Crashlytics reports the details of crashes (at latest) on the next successful app start.

You can configure notifications based on alert triggers and use these to trigger Firebase Cloud functions that can do numerous useful things such as send an email, message a slack or discord or other functionalities exposed as APIs.

I see what you’re saying. In order to fully get the points for this section of the project, I think I’d have to do what you said here, " When an application truly crashes, only something outside the application can provide crash reports. This “outside” could be a very outer layer, basically an “executable runner” of sorts as many desktop apps have been using for decades. ". Unfortunately crashlytics doesn’t work because I’m making a desktop application, and diagnostics will get my partial points but the specific words for these points to be counted toward my favor in the project are “Generation of crash reports (via text file or dialog box) on application failure (maximum 30 points) and Option to email crash report on application failure (maximum 20 points)”. Do you know how to make one of these "executable runner”s? Or some resources to get me started on that?
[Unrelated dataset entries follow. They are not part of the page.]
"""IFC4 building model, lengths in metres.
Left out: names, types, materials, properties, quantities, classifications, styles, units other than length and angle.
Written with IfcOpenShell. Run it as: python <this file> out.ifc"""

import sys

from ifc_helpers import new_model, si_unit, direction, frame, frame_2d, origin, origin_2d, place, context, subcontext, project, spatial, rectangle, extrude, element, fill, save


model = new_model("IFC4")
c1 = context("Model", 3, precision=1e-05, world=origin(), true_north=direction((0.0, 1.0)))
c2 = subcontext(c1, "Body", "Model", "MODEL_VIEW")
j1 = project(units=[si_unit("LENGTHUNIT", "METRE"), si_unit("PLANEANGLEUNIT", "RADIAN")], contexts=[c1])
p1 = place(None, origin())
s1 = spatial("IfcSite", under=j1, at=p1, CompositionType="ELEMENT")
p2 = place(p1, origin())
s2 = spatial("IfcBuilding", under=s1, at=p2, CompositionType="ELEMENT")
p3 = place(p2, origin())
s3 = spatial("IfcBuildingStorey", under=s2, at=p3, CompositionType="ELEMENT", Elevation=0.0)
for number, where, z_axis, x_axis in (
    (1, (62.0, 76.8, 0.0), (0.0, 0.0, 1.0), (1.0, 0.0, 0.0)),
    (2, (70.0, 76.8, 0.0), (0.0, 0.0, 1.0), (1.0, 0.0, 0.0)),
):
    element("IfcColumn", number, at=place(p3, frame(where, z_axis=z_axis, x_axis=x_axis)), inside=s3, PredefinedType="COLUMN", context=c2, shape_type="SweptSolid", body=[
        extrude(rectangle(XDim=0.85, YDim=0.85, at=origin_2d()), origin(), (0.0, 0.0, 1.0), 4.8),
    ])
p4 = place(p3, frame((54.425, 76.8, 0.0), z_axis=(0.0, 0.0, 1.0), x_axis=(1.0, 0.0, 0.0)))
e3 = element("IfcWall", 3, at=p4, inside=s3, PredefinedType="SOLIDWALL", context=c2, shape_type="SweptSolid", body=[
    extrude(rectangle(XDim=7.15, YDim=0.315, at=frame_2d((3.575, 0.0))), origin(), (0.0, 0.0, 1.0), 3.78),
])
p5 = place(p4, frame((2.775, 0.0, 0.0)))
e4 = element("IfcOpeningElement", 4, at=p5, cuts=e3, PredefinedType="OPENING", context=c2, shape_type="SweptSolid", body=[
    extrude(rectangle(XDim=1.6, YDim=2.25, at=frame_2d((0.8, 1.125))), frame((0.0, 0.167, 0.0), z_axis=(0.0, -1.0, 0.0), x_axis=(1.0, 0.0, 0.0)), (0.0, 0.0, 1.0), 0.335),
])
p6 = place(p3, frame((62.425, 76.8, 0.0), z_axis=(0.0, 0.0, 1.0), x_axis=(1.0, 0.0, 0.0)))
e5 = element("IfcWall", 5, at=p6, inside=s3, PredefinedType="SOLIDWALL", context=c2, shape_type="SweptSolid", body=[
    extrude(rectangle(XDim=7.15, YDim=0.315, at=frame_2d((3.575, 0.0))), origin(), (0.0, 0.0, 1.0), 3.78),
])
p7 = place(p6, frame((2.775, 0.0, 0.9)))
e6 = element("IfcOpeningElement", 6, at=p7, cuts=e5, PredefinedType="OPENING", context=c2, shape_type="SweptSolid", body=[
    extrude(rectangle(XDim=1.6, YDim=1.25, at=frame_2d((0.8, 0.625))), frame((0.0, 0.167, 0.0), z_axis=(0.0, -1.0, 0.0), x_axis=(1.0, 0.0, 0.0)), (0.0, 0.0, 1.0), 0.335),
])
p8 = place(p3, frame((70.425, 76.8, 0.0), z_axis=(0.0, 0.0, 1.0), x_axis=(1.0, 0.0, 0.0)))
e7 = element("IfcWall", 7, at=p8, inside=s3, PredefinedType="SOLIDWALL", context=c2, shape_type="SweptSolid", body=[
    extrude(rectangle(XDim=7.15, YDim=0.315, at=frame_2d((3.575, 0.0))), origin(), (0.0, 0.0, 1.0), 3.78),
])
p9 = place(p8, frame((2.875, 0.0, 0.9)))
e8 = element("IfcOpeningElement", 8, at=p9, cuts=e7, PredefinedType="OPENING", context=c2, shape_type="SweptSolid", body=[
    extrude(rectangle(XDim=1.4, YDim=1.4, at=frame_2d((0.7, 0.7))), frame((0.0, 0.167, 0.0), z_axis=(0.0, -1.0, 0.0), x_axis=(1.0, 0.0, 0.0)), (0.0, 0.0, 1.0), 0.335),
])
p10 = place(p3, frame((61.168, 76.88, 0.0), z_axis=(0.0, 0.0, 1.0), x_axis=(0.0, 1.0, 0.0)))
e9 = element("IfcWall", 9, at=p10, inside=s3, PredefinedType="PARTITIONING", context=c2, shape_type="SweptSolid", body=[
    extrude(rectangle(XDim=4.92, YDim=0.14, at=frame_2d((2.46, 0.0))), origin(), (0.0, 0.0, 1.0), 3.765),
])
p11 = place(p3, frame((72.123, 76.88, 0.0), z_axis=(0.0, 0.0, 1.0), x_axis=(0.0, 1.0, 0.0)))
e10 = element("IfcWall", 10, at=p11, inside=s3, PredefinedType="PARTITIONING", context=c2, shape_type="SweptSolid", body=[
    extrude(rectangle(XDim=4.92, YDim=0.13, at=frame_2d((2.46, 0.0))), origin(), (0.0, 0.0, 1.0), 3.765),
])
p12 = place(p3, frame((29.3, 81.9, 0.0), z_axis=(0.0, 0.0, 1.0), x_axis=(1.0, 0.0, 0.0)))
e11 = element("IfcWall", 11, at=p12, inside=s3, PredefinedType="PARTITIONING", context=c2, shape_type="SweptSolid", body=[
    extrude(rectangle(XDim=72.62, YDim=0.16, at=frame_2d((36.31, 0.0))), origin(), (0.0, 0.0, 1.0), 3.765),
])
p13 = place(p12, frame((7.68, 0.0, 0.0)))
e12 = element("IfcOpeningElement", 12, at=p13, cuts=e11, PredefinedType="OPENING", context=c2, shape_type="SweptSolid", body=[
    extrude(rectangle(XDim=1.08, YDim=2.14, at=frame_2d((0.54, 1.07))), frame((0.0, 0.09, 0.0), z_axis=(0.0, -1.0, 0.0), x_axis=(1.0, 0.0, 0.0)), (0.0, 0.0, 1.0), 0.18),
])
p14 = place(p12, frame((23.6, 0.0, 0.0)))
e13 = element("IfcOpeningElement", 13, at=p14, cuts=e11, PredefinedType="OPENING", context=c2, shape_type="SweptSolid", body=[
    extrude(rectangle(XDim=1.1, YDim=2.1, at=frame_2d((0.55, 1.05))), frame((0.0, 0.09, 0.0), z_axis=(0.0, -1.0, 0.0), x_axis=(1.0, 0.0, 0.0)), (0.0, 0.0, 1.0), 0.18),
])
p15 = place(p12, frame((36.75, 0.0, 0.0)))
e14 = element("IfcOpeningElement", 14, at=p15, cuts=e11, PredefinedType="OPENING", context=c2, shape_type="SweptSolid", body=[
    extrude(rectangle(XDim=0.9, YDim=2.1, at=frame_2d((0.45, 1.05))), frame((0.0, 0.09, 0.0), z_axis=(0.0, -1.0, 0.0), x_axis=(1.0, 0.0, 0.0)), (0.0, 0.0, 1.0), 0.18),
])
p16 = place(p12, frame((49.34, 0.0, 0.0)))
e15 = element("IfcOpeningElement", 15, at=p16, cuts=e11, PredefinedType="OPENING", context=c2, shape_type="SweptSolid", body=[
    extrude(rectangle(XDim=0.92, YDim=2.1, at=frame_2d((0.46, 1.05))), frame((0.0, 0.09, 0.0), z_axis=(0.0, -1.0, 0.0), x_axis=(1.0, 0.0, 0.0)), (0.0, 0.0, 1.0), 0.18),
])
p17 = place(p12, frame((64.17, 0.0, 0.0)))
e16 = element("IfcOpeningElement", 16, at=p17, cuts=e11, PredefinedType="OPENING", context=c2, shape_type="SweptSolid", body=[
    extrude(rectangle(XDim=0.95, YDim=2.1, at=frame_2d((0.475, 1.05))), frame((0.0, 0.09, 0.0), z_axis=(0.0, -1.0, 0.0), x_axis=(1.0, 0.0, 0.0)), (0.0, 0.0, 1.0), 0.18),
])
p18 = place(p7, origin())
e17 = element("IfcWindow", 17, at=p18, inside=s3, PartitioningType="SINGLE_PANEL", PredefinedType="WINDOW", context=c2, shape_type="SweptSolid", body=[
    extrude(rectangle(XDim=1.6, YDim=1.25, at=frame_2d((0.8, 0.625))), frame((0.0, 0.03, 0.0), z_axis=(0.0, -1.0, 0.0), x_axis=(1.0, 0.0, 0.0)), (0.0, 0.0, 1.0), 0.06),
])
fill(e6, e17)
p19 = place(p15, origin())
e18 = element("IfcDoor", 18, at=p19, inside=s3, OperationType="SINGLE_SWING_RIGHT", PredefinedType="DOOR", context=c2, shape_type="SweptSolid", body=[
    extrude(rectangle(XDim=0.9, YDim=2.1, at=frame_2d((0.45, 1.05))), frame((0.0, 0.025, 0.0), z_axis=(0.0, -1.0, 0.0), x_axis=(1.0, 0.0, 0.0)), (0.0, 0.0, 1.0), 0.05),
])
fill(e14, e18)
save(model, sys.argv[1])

Thanks Joe, unfortunately, my app is a desktop app, so crashlytics doesn’t meet what I’m looking for.

No, and nobody wastes any time doing that because creating a custom crash reporter is just like writing a custom installer - we already have plenty of solutions available to us, both free and commercial, and both kinds are really involved projects of their own that you could easily spend months to develop just a minimal barebones solution.

Hello, have you found a solution? I had the same problem.